Impact on Asian growth outlook

This new reality of a persistent, high-level security threat fundamentally recalibrates the long-term investment thesis for Evolution's Asian segment. The period of "easy Asian growth with few questions asked and no local response" is definitively over.

• Slower, cleaner growth: Unregulated-market growth will proceed more deliberately and with higher upfront cost. Deeper partner due diligence and pruning of non-compliant operators reduce leakage but act as a natural brake. The assumption of frictionless, hyper-growth must be replaced with a model that accounts for "slower but cleaner" growth with lower leakage risk.

• Strategic move to regulated markets: The shift accelerates expansion into licensed jurisdictions. The company's significant investment in launching a new, state-of-the-art studio in the Philippines in June 2025 is the most tangible evidence of this strategic pivot. By establishing a major operational hub within the first licensed iGaming jurisdiction in Asia, Evolution is proactively de-risking its regional footprint, albeit in a market that may grow more slower and methodically than the grey markets of the past.

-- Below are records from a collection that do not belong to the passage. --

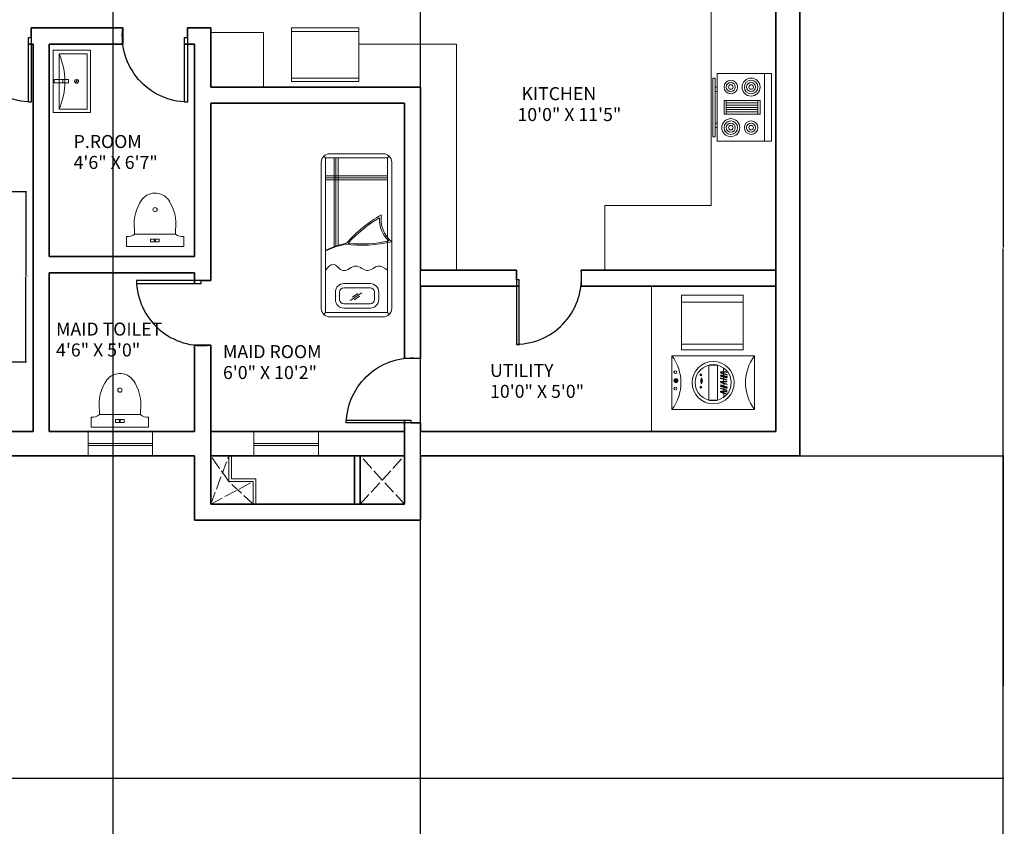
# Model space of a CAD drawing. Units: inches. Extents: x -61 to 1599, y -1316 to 257.
# Tile 195 of 204: x 1233 to 1599, y -579 to -279. Entities that reach past the tile are written whole.
import ezdxf

# ---------------------------------------------------------------- set-up
doc = ezdxf.new("R2010")
doc.units = ezdxf.units.IN
doc.header["$MEASUREMENT"] = 0
doc.linetypes.add('ACAD_ISO02W100', pattern=[15, 12, -3])
for name, color, linetype, lineweight in [('A-ANNO-DIMS', 2, 'Continuous', 18), ('A-AREA-IDEN', 1, 'Continuous', 18), ('A-EQPM', 9, 'Continuous', 18), ('A-FLOR-CASE', 8, 'Continuous', 18), ('A-FLOR-FIXT', 8, 'Continuous', 18), ('A-FLOR-OPEN-HIDN', 8, 'ACAD_ISO02W100', 13), ('A-WALL-JAMB', 4, 'ACAD_ISO02W100', 25), ('DOORS', 2, 'Continuous', 25), ('FURNITURE', 83, 'Continuous', 18), ('WALLS', 4, 'Continuous', 35), ('WINDOWS', 220, 'Continuous', 18)]:
    doc.layers.add(name, color=color, linetype=linetype, lineweight=lineweight)
doc.styles.get("Standard").update_dxf_attribs({"font": 'arial.ttf'})
doc.dimstyles.get("Standard").update_dxf_attribs({"dimtxt": 0.18, "dimasz": 0.18, "dimexe": 0.18, "dimexo": 0.0625, "dimgap": 0.09, "dimtad": 0, "dimtih": 1, "dimtoh": 1, "dimdec": 0, "dimzin": 0, "dimdsep": 46, "dimlunit": 3, "dimtxsty": 'Standard', "dimcen": 0.09, "dimadec": 0, "dimazin": 0, "dimtfac": 1, "dimtdec": 0, "dimtofl": 0, "dimtmove": 0, "dimatfit": 3, "dimfxl": 1, "dimtolj": 1, "dimtzin": 0, "dimarcsym": 0})

# ---------------------------------------------------------------- blocks, each defined once
blk = doc.blocks.new('Range-Oven - 30 in top')
for p, q in [((0, -3), (30, -3)), ((12, -6), (18, -6)), ((13, -20), (13, -6)), ((14, -6), (14, -20)), ((15, -20), (15, -6)), ((16, -6), (16, -20)), ((17, -20), (17, -6)), ((18, -20), (12, -20)), ((6, -24), (6, -25)), ((8, -25), (8, -24)), ((22, -25), (22, -24)), ((24, -24), (24, -25))]:
    blk.add_line(p, q)
for points in [[(0, -24), (0, 0), (30, 0), (30, -24)], [(12, -21), (12, -5), (18, -5), (18, -21)], [(2, -26), (2, -25), (28, -25), (28, -26)]]:
    blk.add_lwpolyline(points, close=True)
for centre, radius in [((6, -9), 4), ((6, -9), 3), ((6, -9), 2), ((6, -9), 1), ((24, -9), 3), ((24, -9), 2), ((24, -9), 1), ((6, -18), 3), ((6, -18), 2), ((6, -18), 1), ((24, -18), 4), ((24, -18), 3), ((24, -18), 2), ((24, -18), 1)]:
    blk.add_circle(centre, radius)
blk = doc.blocks.new('DOOR-SWING-24')
blk.add_line((0, 0), (0, 3.6))
blk.add_lwpolyline([(0, 0), (0, -24), (1.05, -24), (1.05, 0)], close=True)
blk.add_arc((-0.44, 0.62), 24.62, 271.0259, 6.9559)
blk = doc.blocks.new('WIN-24IN')
for p, q in [((0, 4.5), (0, 9)), ((0, 9), (0, 0)), ((24, 9), (24, 0)), ((0, 5.19), (24, 5.19)), ((0, 4.5), (24, 4.5))]:
    blk.add_line(p, q)
blk = doc.blocks.new('WC-FLOOR-MOUNT')
for p, q in [((0, 0), (0, 3.75)), ((3.02, 4.69), (3.02, 6.17)), ((3.02, 4.69), (18.31, 4.69)), ((18.31, 4.69), (18.31, 6.17)), ((21.33, 0), (21.33, 3.75)), ((0, 0), (21.33, 0))]:
    blk.add_line(p, q)
blk.add_lwpolyline([(12.24, 1.73), (8.96, 1.73), (8.96, 2.81), (12.24, 2.81)], close=True)
for centre, radius in [((10.67, 13.73), 0.792), ((10.6, 2.27), 0.208)]:
    blk.add_circle(centre, radius)
for centre, radius, start, end in [((10.67, 13.73), 6.18, 27.6844, 141.4697), ((19.05, 8.26), 16.17, 144.824, 187.4232), ((2.28, 8.26), 16.17, 352.5768, 35.176), ((0.56, 7.25), 3.55, 260.8586, 313.6993), ((20.77, 7.25), 3.55, 226.3007, 279.1414)]:
    blk.add_arc(centre, radius, start, end)
blk = doc.blocks.new('LAVATORY-WALL-2')
blk.add_line((3.67, 10.96), (3.67, 12.19))
for points in [[(0, 23.07), (13.87, 23.07), (13.87, 0), (0, 0)], [(12.66, 21.73), (12.66, 1.19), (2.2, 1.19), (2.2, 21.73)], [(5.78, 12.19), (5.78, 10.96), (0.4, 10.96), (0.4, 12.19)]]:
    blk.add_lwpolyline(points, close=True)
for radius in [0.74, 0.233]:
    blk.add_circle((8.7, 11.57), radius)
blk.add_arc((-20.86, 11.46), 25.25, 335.9939, 24.0061)
blk = doc.blocks.new('WASHING-MACHINE')
for p, q in [((19.24, 4.47), (19.22, 15.41)), ((0.96, 11.16), (1.13, 11)), ((1.49, 11.38), (1.49, 11.15)), ((2.02, 11.15), (1.86, 10.99)), ((11, 9.47), (11, 11.68)), ((0.98, 10.64), (0.75, 10.64)), ((1.12, 10.28), (0.96, 10.12)), ((1.49, 10.12), (1.49, 9.89)), ((1.86, 10.28), (2.02, 10.12)), ((2.23, 10.64), (2, 10.64))]:
    blk.add_line(p, q)
for points in [[(30.68, 0), (0, 0), (0, 19.87), (30.68, 19.87)], [(16.98, 3.42), (13.7, 3.42), (13.7, 16.45), (16.98, 16.45)], [(20.43, 13.78), (18.01, 13.78), (18.01, 13.95), (20.43, 13.95)], [(18.09, 12.45), (20.41, 11.74), (20.35, 11.57), (18.04, 12.29)], [(18.1, 11.71), (20.41, 10.99), (20.36, 10.83), (18.05, 11.54)], [(18.21, 13.64), (20.52, 12.92), (20.47, 12.76), (18.16, 13.47)], [(18.22, 12.89), (20.53, 12.18), (20.48, 12.01), (18.17, 12.73)], [(20.44, 10.23), (18.02, 10.23), (18.02, 10.4), (20.44, 10.4)], [(18.1, 8.63), (20.42, 7.91), (20.37, 7.75), (18.05, 8.46)], [(18.11, 7.88), (20.42, 7.17), (20.37, 7), (18.06, 7.72)], [(18.22, 10.09), (20.53, 9.38), (20.48, 9.21), (18.17, 9.92)], [(18.23, 9.07), (20.54, 8.36), (20.49, 8.19), (18.18, 8.91)], [(20.45, 6.56), (18.03, 6.56), (18.03, 6.73), (20.45, 6.73)], [(18.23, 6.42), (20.54, 5.7), (20.49, 5.54), (18.18, 6.25)]]:
    blk.add_lwpolyline(points, close=True)
for centre, radius in [((15.34, 9.94), 7.85), ((15.34, 9.94), 7.85), ((15.34, 9.94), 6.71), ((1.28, 13.83), 0.526), ((1.49, 10.64), 0.742), ((1.49, 10.64), 0.513), ((10.77, 12.86), 0.381), ((10.77, 12.86), 0.289), ((1.28, 7.75), 0.526), ((1.49, 10.64), 0.178), ((1.49, 10.64), 0.07), ((10.77, 8.29), 0.381), ((10.77, 8.29), 0.289)]:
    blk.add_circle(centre, radius)
for centre, radius, start, end in [((-13.12, 9.94), 16.46, 322.8671, 37.1329), ((43.8, 9.94), 16.46, 142.8671, 217.1329), ((12.8, 10.57), 2.11, 148.4251, 211.5749), ((9.2, 10.57), 2.11, 328.4251, 31.5749)]:
    blk.add_arc(centre, radius, start, end)
blk = doc.blocks.new('UTILITY-CABINET')
for p, q in [((0, 17.69), (23.01, 17.69)), ((0, 2.1), (23.01, 2.1))]:
    blk.add_line(p, q)
blk.add_lwpolyline([(23.01, 0), (0, 0), (0, 20.31), (23.01, 20.31)], close=True)
blk = doc.blocks.new('KITCHEN-BASE-UNIT')
for p, q in [((25.07, 18.6), (0, 18.6)), ((25.07, 1.23), (0, 1.23))]:
    blk.add_line(p, q)
blk.add_lwpolyline([(25.07, 0), (0, 0), (0, 19.92), (25.07, 19.92)], close=True)
blk = doc.blocks.new('*D664')
at = {"layer": 'A-ANNO-DIMS', "color": 0, "lineweight": -2, "transparency": 16777216}
for p, q in [((1225.61, -343.14), (1235.21, -343.14)), ((1235.03, -343.32), (1235.03, -374.58)), ((1235.03, -406.2), (1235.03, -374.95)), ((1225.61, -406.38), (1235.21, -406.38))]:
    blk.add_line(p, q, dxfattribs=at)
at = {"layer": 'A-ANNO-DIMS', "color": 0, "transparency": 16777216}
for points in [[(1235, -343.32), (1235.06, -343.32), (1235.03, -343.14)], [(1235, -406.2), (1235.06, -406.2), (1235.03, -406.38)]]:
    blk.add_solid(points, dxfattribs=at)
at = {"layer": 'DEFPOINTS', "color": 0, "transparency": 16777216}
for p in [(1225.55, -343.14), (1235.03, -343.14), (1225.55, -406.38)]:
    blk.add_point(p, dxfattribs=at)
at = {"layer": 'A-ANNO-DIMS', "color": 0, "transparency": 16777216, "insert": (1235.03, -374.76), "char_height": 0.18, "attachment_point": 5}
blk.add_mtext('\\A1;CONSOLE 63 TYP.', dxfattribs=at)
blk = doc.blocks.new('*D694')
at = {"layer": 'A-ANNO-DIMS', "color": 0, "lineweight": -2, "transparency": 16777216}
for p, q in [((1522.77, -441.32), (1598.48, -441.32)), ((1598.3, -441.5), (1598.3, -526.56)), ((1598.3, -611.99), (1598.3, -526.93)), ((1522.77, -612.17), (1598.48, -612.17))]:
    blk.add_line(p, q, dxfattribs=at)
at = {"layer": 'A-ANNO-DIMS', "color": 0, "transparency": 16777216}
for points in [[(1598.27, -441.5), (1598.33, -441.5), (1598.3, -441.32)], [(1598.27, -611.99), (1598.33, -611.99), (1598.3, -612.17)]]:
    blk.add_solid(points, dxfattribs=at)
at = {"layer": 'DEFPOINTS', "color": 0, "transparency": 16777216}
for p in [(1522.7, -441.32), (1598.3, -441.32), (1522.7, -612.17)]:
    blk.add_point(p, dxfattribs=at)
at = {"layer": 'A-ANNO-DIMS', "color": 0, "transparency": 16777216, "insert": (1598.3, -526.75), "char_height": 0.18, "attachment_point": 5}
blk.add_mtext('\\A1;170.85', dxfattribs=at)
blk = doc.blocks.new('*D698')
at = {"layer": 'A-ANNO-DIMS', "color": 0, "lineweight": -2, "transparency": 16777216}
for p, q in [((644.77, -167.17), (1598.48, -167.17)), ((1598.3, -167.35), (1598.3, -363.99)), ((1598.3, -560.99), (1598.3, -364.35)), ((644.77, -561.17), (1598.48, -561.17))]:
    blk.add_line(p, q, dxfattribs=at)
at = {"layer": 'A-ANNO-DIMS', "color": 0, "transparency": 16777216}
for points in [[(1598.27, -167.35), (1598.33, -167.35), (1598.3, -167.17)], [(1598.27, -560.99), (1598.33, -560.99), (1598.3, -561.17)]]:
    blk.add_solid(points, dxfattribs=at)
at = {"layer": 'DEFPOINTS', "color": 0, "transparency": 16777216}
for p in [(644.7, -167.17), (1598.3, -167.17), (644.7, -561.17)]:
    blk.add_point(p, dxfattribs=at)
at = {"layer": 'A-ANNO-DIMS', "color": 0, "transparency": 16777216, "insert": (1598.3, -364.17), "char_height": 0.18, "attachment_point": 5}
blk.add_mtext('\\A1;394', dxfattribs=at)
blk = doc.blocks.new('*D708')
at = {"layer": 'A-ANNO-DIMS', "color": 0, "lineweight": -2, "transparency": 16777216}
for p, q in [((1267.48, -588.11), (1267.48, 257.46)), ((1267.66, 257.28), (1324.14, 257.28)), ((1381.52, 257.28), (1325.05, 257.28)), ((1381.7, -588.11), (1381.7, 257.46))]:
    blk.add_line(p, q, dxfattribs=at)
at = {"layer": 'A-ANNO-DIMS', "color": 0, "transparency": 16777216}
for points in [[(1267.66, 257.31), (1267.66, 257.25), (1267.48, 257.28)], [(1381.52, 257.31), (1381.52, 257.25), (1381.7, 257.28)]]:
    blk.add_solid(points, dxfattribs=at)
at = {"layer": 'DEFPOINTS', "color": 0, "transparency": 16777216}
for p in [(1381.7, 257.28), (1267.48, -588.17), (1381.7, -588.17)]:
    blk.add_point(p, dxfattribs=at)
at = {"layer": 'A-ANNO-DIMS', "color": 0, "transparency": 16777216, "insert": (1324.59, 257.28), "char_height": 0.18, "attachment_point": 5}
blk.add_mtext('\\A1;114.22', dxfattribs=at)

msp = doc.modelspace()

# ---------------------------------------------------------------- linework, layer by layer
at = {"layer": 'A-FLOR-CASE'}
for p, q in [((1489.7028, -348.3229), (1489.7028, -259.3229)), ((1358.7476, -288.4105), (1395.0519, -288.4105)), ((1395.0519, -288.4105), (1395.0519, -372.3229)), ((1489.7028, -348.3229), (1450.2349, -348.3229)), ((1450.2349, -348.3229), (1450.2349, -372.3229)), ((1467.5747, -432.3229), (1467.5747, -378.3229))]:
    msp.add_line(p, q, dxfattribs=at)
msp.add_lwpolyline([(1323.3268, -304.3229), (1303.7028, -304.3229), (1303.7028, -284.0689), (1323.3268, -284.0689)], close=True, dxfattribs=at)
at = {"layer": 'A-FLOR-OPEN-HIDN', "ltscale": 0.4}
for p, q in [((1303.7028, -459.3229), (1310.4306, -441.3229)), ((1310.4306, -450.9215), (1303.7028, -441.3229)), ((1359.272, -459.3229), (1375.7028, -441.3229)), ((1375.7028, -459.3229), (1359.272, -441.3229)), ((1303.7028, -459.3229), (1319.4965, -450.9215)), ((1319.4965, -459.3229), (1310.4306, -450.9215))]:
    msp.add_line(p, q, dxfattribs=at)
at = {"layer": 'A-FLOR-OPEN-HIDN'}
for p, q in [((1310.4306, -441.3229), (1310.4306, -450.9215)), ((1311.4306, -441.3229), (1311.4306, -449.9215)), ((1311.4306, -449.9215), (1320.4965, -449.9215)), ((1320.4965, -449.9215), (1320.4965, -459.3229)), ((1310.4306, -450.9215), (1319.4965, -450.9215)), ((1319.4965, -450.9215), (1319.4965, -459.3229))]:
    msp.add_line(p, q, dxfattribs=at)
at = {"layer": 'A-WALL-JAMB'}
for p, q in [((1236.999, -282.3229), (1236.999, -288.3229)), ((1271.017, -282.3229), (1271.017, -288.3229)), ((1295.017, -282.3229), (1295.017, -288.3229)), ((1417.3522, -372.3229), (1417.3522, -378.3229)), ((1441.3522, -372.3229), (1441.3522, -378.3229)), ((1303.7028, -376.2211), (1297.7028, -376.2211)), ((1303.7028, -400.2211), (1297.7028, -400.2211)), ((1381.7028, -405.1414), (1375.7028, -405.1458)), ((1381.7028, -429.1414), (1375.7028, -429.1414))]:
    msp.add_line(p, q, dxfattribs=at)
at = {"layer": 'FURNITURE'}
for p, q in [((1346.3698, -330.6674), (1345.7148, -330.0124)), ((1349.5985, -363.6544), (1349.5985, -330.6674)), ((1350.1865, -363.443), (1350.1865, -330.6674)), ((1351.0588, -363.1542), (1351.0588, -330.6674)), ((1369.4076, -330.6674), (1370.0626, -330.0124)), ((1369.4076, -337.3084), (1346.3698, -337.3084)), ((1369.4076, -338.0177), (1346.3698, -338.0177)), ((1369.4076, -338.7871), (1346.3698, -338.7871)), ((1359.8729, -380.7881), (1355.5662, -383.6749)), ((1356.3763, -382.3874), (1358.413, -381.0304)), ((1357.072, -383.4316), (1359.1087, -382.0746)), ((1346.3698, -388.1313), (1345.7148, -388.7863)), ((1370.0626, -388.7863), (1369.4076, -388.1313))]:
    msp.add_line(p, q, dxfattribs=at)
for points in [[(1347.9511, -329.0861), (1367.8263, -329.0861, -0.41421356), (1370.989, -332.2487), (1370.989, -386.55, -0.41421356), (1367.8263, -389.7126), (1347.9511, -389.7126, -0.41421356), (1344.7885, -386.55), (1344.7885, -332.2487, -0.41421356)], [(1353.197, -377.3355), (1362.9839, -377.3355, -0.41421356), (1366.1465, -380.4982), (1366.1465, -383.3141, -0.41421356), (1362.9839, -386.4767), (1353.197, -386.4767, -0.41421356), (1350.0344, -383.3141), (1350.0344, -380.4982, -0.41421356)], [(1353.197, -378.9168), (1362.9839, -378.9168, -0.41421356), (1364.5652, -380.4982), (1364.5652, -383.3141, -0.41421356), (1362.9839, -384.8954), (1353.197, -384.8954, -0.41421356), (1351.6157, -383.3141), (1351.6157, -380.4982, -0.41421356)]]:
    msp.add_lwpolyline(points, format="xyb", close=True, dxfattribs=at)
msp.add_lwpolyline([(1346.3698, -330.6674), (1369.4076, -330.6674), (1369.4076, -388.1313), (1346.3698, -388.1313)], close=True, dxfattribs=at)
for centre, radius, start, end in [((1390.8702, -394.1626), 48.5558, 119.302799, 139.065497), ((1390.7906, -394.9259), 48.5558, 120.122754, 137.951503), ((1377.4118, -353.4771), 11.0029, 177.136894, 226.788842), ((1378.0028, -353.343), 11.0029, 172.042189, 230.397858), ((1359.953, -314.5357), 48.5558, 262.813151, 283.137248), ((1359.4332, -314.0773), 48.5558, 264.446321, 282.422187), ((1360.2263, -392.3018), 30.5553, 101.397161, 116.967867), ((1359.9164, -392.6627), 30.5553, 101.397161, 116.317614)]:
    msp.add_arc(centre, radius, start, end, dxfattribs=at)
msp.add_open_spline([(1369.4076, -372.395), (1368.2379, -371.5093), (1365.818, -369.677), (1361.9669, -374.1451), (1357.6119, -368.943), (1353.0321, -374.5225), (1349.3585, -368.6867), (1347.2784, -371.2237), (1346.3698, -372.3318)], degree=3, knots=[0, 0, 0, 0, 3.84254534, 7.94890144, 12.81558195, 17.74158221, 22.25649, 25.75782552, 25.75782552, 25.75782552, 25.75782552], dxfattribs=at)
at = {"layer": 'WALLS'}
for p, q in [((1522.7028, -441.3229), (1522.7028, -67.169)), ((1513.7028, -282.3229), (1513.7028, -175.3229)), ((1236.999, -282.3229), (1271.017, -282.3229)), ((1295.017, -282.3229), (1303.7028, -282.3229)), ((1303.7028, -282.3229), (1303.7028, -304.3229)), ((1513.7028, -282.3229), (1513.7028, -378.3229)), ((1235.949, -288.3229), (1237.7028, -288.3229)), ((1237.7028, -288.3229), (1237.7028, -432.3229)), ((1243.7028, -288.3229), (1243.7028, -367.3229)), ((1243.7028, -288.3229), (1271.0214, -288.3229)), ((1293.967, -288.3229), (1297.7028, -288.3229)), ((1297.7028, -288.3229), (1297.7028, -367.3229)), ((1303.7028, -304.3229), (1381.7028, -304.3229)), ((1381.7028, -304.3229), (1381.7028, -372.3229)), ((1303.7028, -310.3229), (1303.7028, -376.2211)), ((1303.7028, -310.3229), (1375.7028, -310.3229)), ((1375.7028, -310.3229), (1375.7028, -405.1458)), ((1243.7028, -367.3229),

• Recalibrating profit margins: Expect higher ongoing operational expenses (% of Asia revenue), selective capex for hardened infrastructure, and more rigorous vendor/operator standards, but to some extent offset by lower fraud/leakage and steadier cash conversion.

What’s the outlook?

Evolution AB’s Asian operations have faced a sophisticated, organized-crime-led video stream hijacking campaign that targets the core of its delivery. The disruption has been material. What had been rapid regional growth stalled for roughly a year, with knock-on pressure on group EBITDA margins. Management’s response has been a coordinated mix of technical countermeasures, partner vetting, and operational hardening, which has contained the threat and set the stage for a measured recovery, underscoring strong execution and strategic discipline.

Given the adversary’s capabilities and the permissive regulatory environments in parts of Asia, the threat should be treated as a permanent, structural cost of doing business. It remains economically rational to keep fighting, but with a slightly different strategy. Evolution is pivoting toward regulated markets where protections and enforcement are stronger. The new studio in the Philippines exemplifies this shift, implying slower but higher-quality growth that is more capital-intensive upfront yet more secure and sustainable over time, providing a sturdier long-term operating base.

For investors, the core thesis holds. Evolution’s moat is driven by product breadth, studio scale, distribution, and it remains intact. Global demand for online casino content continues to expand and management has shown it can navigate crises decisively.

Expectations for Asia should be recalibrated toward steadier, regulated growth, with the Philippines serving as a key proof point for the strategy. Net-net, a disruptive challenge has been converted into a catalyst for change and stronger operations.

The stock outlook for me is still that of a compelling compounder, with the Asian trajectory shifting from hyper-growth to durable, regulated expansion.